ASHT - arthritis Flashcards
(21 cards)
What is the pathophysiology of RA?
Inflammation > histological changes in synovium > interaction with other soft tissues in joint > Joint destruction.
What is the invasion of Panus in RA?
Proteins from thickened synovium damage cartilage, bone, tendons, and ligaments, leading to instability.
Which joints are most commonly affected by RA? (4)
Wrist/DRUJ, MP Joint, PIP, DIP.
Often multiple joints; some deformities occur secondary to changes at adjacent joints.
What are the RA changes at the wrist?
Radial deviation, diseased synovium affects RSC and SL, flexion of scaphoid, carpus pulled radially.
What causes the zigzag deformity in RA?
Wrist RD, MP ulnar deviation, and carpal shift.
What is Vaughn-Jackson syndrome?
Extensor tendon ruptures over ulna (RA).
What is a Mannerfelt Lesion?
FPL rupture over scaphoid (RA).
What are the RA changes at MP joints?
Ulnar deviation and volar subluxation.
What are contributing factors to ulnar deviation at MP joints? (7)
RD at wrist,
instability at collateral ligaments,
EDC decentralization,
dorsal apparatus stretched out,
radial sagittal fibers and collateral ligaments become stretched,
imbalances in intrinsics,
forces of ADL use/radial pinch.
What are contributing factors to volar subluxation at MP joints? (3)
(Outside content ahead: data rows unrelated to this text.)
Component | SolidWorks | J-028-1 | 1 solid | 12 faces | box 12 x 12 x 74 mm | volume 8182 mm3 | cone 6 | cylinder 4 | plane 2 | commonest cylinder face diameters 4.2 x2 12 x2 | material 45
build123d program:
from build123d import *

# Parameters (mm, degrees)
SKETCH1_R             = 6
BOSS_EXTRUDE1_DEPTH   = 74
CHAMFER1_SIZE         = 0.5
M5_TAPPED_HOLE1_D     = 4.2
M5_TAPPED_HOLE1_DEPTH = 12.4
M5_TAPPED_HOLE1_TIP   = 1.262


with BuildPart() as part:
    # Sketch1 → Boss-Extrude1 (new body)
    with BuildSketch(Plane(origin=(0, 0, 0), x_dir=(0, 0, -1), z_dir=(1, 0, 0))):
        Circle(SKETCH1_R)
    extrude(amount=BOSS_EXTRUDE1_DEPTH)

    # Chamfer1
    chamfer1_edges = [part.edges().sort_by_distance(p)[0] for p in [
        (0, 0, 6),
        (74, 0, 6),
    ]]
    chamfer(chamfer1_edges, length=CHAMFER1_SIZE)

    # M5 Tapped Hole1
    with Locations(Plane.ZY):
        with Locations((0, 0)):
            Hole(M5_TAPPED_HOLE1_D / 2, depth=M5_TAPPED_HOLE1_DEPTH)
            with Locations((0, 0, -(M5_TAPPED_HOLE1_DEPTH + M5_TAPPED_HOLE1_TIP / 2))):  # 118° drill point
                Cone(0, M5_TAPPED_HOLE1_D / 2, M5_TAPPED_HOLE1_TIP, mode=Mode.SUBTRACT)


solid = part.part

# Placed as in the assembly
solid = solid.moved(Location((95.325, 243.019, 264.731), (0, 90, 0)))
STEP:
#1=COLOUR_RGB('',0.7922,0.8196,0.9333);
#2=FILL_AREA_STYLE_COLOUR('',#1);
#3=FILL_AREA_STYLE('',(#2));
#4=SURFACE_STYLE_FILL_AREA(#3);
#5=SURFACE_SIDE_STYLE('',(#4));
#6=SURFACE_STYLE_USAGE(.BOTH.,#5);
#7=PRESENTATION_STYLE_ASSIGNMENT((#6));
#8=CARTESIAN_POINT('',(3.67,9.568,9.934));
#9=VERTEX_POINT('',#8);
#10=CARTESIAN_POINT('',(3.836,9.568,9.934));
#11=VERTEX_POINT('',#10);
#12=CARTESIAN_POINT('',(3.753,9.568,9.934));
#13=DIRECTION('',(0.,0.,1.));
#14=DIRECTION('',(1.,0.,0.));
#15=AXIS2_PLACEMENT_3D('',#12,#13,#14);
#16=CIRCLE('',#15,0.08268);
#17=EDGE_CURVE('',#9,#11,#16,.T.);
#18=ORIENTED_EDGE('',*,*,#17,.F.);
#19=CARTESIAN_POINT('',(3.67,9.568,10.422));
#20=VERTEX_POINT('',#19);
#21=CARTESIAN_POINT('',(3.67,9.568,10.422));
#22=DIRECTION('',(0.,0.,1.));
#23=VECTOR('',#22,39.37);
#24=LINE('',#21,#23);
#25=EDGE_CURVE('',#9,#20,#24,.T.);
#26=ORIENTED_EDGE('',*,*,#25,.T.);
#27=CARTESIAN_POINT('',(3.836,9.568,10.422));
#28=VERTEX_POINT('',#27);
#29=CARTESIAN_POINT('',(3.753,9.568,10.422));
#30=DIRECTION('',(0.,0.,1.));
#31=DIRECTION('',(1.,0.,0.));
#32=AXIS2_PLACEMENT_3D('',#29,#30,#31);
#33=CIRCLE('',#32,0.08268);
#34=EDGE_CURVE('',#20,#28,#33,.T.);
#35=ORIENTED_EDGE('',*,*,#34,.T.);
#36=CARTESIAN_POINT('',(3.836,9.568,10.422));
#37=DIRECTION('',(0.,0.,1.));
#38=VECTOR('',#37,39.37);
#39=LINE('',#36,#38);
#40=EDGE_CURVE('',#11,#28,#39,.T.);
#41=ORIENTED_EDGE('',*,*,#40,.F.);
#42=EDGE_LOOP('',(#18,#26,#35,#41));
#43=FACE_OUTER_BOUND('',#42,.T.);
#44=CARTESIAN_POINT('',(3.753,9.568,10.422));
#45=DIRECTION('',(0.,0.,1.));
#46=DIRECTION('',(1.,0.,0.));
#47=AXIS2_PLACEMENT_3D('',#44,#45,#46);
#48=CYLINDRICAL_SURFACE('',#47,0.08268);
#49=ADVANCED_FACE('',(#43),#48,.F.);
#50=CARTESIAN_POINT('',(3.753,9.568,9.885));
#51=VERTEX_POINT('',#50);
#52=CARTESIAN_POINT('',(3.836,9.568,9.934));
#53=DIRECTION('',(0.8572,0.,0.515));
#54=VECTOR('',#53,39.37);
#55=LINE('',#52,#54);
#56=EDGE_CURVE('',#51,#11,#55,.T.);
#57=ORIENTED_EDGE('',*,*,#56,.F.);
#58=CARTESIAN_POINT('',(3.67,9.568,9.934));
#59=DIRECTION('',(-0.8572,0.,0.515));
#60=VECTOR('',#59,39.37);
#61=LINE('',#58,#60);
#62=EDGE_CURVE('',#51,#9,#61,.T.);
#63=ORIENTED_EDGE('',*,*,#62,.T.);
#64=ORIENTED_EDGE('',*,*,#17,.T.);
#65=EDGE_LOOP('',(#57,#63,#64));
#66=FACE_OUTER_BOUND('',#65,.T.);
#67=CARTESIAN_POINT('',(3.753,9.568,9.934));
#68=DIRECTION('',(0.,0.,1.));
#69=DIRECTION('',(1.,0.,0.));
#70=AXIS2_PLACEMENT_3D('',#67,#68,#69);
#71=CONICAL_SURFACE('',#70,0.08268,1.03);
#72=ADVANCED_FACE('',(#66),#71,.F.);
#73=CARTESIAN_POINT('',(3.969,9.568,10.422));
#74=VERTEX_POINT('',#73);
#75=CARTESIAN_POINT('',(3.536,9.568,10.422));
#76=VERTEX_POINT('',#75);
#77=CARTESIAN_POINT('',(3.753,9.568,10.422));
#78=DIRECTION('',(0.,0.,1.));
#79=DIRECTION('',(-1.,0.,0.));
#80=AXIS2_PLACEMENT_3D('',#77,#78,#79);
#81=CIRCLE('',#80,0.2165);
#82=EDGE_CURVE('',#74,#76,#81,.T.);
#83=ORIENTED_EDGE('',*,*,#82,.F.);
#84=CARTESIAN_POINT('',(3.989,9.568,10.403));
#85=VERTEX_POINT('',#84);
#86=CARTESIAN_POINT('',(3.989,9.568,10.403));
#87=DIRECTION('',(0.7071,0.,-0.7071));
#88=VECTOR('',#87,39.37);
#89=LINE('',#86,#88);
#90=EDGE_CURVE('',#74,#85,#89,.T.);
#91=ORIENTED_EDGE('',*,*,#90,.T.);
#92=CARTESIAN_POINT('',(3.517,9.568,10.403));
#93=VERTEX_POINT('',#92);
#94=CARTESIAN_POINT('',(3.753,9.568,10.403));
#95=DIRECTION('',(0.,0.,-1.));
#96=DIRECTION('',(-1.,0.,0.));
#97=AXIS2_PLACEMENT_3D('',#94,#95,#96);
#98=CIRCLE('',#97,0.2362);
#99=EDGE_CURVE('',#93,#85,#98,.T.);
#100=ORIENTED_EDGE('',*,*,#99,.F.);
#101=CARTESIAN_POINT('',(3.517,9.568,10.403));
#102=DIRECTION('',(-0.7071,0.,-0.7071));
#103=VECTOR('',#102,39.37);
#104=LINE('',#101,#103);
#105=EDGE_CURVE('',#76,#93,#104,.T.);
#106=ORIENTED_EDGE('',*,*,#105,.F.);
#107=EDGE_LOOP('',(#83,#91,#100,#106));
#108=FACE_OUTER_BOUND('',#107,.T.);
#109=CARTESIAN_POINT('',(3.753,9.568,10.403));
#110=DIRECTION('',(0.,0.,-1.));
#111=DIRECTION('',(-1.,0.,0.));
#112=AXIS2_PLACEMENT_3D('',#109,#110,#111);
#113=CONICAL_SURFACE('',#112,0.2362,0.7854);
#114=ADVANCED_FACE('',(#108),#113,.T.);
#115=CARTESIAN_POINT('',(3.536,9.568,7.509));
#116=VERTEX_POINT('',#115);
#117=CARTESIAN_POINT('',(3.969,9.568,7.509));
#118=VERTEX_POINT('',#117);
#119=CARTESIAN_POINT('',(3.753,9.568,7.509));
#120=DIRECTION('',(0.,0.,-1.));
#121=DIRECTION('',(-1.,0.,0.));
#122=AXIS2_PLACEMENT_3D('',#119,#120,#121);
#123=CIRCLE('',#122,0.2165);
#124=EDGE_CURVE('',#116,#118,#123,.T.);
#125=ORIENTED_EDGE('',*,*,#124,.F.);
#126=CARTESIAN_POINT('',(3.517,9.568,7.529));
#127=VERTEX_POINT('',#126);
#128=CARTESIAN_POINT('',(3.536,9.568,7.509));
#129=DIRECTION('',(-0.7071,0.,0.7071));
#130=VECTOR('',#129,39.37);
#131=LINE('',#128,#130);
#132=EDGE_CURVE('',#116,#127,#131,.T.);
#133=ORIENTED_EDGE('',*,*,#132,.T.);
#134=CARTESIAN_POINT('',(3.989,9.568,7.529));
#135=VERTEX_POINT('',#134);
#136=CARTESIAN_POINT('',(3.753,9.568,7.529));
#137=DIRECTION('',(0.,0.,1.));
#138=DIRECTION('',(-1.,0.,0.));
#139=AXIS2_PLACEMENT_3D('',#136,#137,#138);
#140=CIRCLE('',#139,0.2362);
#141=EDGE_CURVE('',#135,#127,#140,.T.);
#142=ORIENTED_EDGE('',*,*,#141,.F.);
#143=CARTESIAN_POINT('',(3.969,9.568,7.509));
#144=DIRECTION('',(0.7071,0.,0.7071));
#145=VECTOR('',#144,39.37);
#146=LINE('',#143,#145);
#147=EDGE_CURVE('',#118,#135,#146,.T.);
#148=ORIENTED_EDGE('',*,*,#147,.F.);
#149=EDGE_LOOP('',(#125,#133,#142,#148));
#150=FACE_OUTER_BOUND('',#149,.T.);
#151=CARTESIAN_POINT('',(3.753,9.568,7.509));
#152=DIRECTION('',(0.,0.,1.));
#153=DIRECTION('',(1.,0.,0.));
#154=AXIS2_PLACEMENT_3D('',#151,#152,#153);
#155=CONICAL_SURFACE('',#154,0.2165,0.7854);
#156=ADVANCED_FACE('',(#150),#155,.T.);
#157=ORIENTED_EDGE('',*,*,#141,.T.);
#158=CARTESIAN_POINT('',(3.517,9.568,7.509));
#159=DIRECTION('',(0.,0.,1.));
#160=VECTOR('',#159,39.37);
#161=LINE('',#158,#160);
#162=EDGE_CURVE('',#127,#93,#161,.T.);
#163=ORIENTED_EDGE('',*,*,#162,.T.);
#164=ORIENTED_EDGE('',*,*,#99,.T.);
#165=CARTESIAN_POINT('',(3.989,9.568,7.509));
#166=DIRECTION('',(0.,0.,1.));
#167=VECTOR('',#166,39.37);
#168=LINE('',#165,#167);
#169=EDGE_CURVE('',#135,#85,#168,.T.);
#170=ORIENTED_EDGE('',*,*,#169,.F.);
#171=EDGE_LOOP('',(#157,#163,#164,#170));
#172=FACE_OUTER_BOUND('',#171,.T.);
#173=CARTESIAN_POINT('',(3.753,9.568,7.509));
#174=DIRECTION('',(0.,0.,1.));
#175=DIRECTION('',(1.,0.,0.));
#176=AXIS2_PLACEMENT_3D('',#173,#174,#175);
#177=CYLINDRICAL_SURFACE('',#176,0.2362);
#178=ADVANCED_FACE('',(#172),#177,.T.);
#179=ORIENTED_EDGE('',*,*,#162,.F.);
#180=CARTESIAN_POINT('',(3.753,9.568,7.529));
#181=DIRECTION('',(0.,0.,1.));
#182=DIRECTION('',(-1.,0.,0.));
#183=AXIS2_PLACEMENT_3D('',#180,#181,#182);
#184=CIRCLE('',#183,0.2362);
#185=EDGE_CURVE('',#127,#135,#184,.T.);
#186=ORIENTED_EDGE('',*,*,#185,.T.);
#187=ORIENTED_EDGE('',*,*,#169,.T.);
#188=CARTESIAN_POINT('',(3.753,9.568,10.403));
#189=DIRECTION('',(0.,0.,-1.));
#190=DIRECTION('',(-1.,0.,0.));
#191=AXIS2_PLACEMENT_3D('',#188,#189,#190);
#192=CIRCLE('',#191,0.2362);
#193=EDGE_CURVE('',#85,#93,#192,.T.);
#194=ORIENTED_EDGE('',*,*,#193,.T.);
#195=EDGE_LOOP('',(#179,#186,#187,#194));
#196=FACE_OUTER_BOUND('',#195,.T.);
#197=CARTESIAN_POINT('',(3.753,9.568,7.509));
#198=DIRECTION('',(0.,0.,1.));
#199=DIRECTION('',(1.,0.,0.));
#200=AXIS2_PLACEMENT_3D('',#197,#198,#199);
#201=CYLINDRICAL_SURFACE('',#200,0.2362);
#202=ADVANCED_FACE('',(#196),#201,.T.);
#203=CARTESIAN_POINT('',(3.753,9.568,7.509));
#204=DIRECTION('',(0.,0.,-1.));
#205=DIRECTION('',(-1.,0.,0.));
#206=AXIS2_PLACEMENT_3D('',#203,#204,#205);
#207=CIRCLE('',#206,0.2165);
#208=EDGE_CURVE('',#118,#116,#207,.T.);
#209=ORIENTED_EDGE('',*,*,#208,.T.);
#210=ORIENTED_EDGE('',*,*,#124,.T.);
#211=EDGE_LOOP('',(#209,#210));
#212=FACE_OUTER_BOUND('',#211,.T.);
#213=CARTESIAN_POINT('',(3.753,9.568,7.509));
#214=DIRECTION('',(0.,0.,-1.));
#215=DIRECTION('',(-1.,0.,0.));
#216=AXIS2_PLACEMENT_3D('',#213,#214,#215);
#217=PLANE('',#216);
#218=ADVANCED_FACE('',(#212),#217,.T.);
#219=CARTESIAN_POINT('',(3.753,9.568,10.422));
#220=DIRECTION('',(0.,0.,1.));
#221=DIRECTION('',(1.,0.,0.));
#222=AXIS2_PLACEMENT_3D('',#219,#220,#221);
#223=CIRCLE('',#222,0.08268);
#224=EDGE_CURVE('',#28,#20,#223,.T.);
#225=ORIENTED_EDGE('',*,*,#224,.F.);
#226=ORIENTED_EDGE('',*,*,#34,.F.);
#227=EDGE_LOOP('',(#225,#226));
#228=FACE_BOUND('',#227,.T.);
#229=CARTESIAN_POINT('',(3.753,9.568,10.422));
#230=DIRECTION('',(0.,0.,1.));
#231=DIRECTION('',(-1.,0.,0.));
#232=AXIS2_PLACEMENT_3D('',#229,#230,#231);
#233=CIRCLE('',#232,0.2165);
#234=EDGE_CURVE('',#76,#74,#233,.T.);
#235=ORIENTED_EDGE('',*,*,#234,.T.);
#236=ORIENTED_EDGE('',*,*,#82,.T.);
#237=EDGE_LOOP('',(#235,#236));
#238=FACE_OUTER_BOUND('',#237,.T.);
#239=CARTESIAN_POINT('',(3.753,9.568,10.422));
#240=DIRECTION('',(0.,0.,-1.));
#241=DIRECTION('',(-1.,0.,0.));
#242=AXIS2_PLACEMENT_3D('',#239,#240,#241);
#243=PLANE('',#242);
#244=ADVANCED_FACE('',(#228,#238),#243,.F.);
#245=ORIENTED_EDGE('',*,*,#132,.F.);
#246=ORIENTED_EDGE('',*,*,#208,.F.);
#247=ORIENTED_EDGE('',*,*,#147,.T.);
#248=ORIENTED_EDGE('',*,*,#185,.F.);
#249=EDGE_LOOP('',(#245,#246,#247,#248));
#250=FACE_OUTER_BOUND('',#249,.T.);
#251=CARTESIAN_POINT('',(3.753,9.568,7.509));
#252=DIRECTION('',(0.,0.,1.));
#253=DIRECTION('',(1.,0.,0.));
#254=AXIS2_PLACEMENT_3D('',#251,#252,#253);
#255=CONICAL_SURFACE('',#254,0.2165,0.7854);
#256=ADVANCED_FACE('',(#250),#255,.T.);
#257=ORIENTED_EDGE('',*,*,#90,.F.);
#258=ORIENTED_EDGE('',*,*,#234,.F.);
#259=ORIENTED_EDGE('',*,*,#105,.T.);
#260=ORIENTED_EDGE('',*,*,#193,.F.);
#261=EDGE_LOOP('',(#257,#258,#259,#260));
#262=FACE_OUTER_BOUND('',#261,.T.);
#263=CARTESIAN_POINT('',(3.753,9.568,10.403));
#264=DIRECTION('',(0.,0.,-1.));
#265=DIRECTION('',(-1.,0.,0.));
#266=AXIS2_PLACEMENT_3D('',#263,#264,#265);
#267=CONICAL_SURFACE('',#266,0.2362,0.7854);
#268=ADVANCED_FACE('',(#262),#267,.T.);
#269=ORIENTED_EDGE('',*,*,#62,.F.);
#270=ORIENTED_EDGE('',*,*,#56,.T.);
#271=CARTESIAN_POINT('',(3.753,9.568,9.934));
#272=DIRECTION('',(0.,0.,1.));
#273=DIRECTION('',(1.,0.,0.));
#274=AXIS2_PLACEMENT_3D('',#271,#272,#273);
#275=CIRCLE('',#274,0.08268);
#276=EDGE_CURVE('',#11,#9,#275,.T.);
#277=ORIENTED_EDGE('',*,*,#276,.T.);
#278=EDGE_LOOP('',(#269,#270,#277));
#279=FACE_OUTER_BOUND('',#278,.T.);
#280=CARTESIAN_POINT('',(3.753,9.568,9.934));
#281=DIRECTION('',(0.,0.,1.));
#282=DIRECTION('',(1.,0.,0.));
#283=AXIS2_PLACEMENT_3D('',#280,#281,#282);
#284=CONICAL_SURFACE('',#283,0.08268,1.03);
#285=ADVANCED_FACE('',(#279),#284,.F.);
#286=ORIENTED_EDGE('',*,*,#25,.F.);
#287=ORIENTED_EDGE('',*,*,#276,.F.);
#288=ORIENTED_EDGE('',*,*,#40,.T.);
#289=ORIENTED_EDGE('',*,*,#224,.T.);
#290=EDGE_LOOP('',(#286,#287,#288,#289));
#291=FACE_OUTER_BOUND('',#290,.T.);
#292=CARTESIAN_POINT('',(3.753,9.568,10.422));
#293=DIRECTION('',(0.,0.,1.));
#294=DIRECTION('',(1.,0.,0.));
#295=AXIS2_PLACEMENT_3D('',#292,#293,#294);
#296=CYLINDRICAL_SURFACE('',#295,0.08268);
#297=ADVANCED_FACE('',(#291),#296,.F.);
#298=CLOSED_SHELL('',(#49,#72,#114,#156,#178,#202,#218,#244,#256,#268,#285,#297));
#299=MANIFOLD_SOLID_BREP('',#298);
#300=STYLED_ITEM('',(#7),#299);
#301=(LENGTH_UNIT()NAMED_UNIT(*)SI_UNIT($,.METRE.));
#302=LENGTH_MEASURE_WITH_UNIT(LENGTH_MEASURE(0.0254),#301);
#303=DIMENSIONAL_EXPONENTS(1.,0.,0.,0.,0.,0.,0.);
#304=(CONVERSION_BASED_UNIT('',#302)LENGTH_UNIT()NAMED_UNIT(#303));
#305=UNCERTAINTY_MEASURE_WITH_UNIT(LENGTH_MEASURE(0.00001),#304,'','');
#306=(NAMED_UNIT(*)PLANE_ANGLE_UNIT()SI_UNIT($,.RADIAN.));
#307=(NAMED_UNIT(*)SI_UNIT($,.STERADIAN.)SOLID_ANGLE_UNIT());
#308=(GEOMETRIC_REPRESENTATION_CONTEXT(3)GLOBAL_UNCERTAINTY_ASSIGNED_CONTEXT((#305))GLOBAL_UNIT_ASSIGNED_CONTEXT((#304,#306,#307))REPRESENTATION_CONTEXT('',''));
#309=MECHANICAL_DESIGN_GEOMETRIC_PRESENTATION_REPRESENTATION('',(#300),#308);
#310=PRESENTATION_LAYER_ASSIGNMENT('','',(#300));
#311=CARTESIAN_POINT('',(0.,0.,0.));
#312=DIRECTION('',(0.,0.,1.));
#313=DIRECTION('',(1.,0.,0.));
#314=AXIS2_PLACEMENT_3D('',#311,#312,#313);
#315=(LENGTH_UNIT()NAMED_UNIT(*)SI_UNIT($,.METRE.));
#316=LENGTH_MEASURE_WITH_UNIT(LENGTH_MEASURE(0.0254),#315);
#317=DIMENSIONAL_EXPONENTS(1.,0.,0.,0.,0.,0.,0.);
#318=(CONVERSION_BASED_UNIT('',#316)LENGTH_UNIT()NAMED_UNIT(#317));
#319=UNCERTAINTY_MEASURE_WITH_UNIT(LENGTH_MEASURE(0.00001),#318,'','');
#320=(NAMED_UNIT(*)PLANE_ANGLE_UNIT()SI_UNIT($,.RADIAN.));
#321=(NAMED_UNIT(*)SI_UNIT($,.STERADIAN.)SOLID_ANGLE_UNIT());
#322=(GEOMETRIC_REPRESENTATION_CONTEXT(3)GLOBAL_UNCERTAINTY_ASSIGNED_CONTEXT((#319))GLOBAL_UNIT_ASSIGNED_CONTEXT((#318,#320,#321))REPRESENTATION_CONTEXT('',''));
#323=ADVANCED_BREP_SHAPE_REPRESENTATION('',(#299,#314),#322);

Synovitis weakens ligament and tendon insertions about the MCP joint capsule,
EDC decentralizes and becomes an ulnar deviator at MP,
long flexors unopposed by EDC enhance volar migration of P1.
What is the cause of RA Swan neck deformity?
PIP hyperextension with DIP extension lag due to synovial destruction to extensor mechanism and volar plate combined with intrinsic muscle tightness.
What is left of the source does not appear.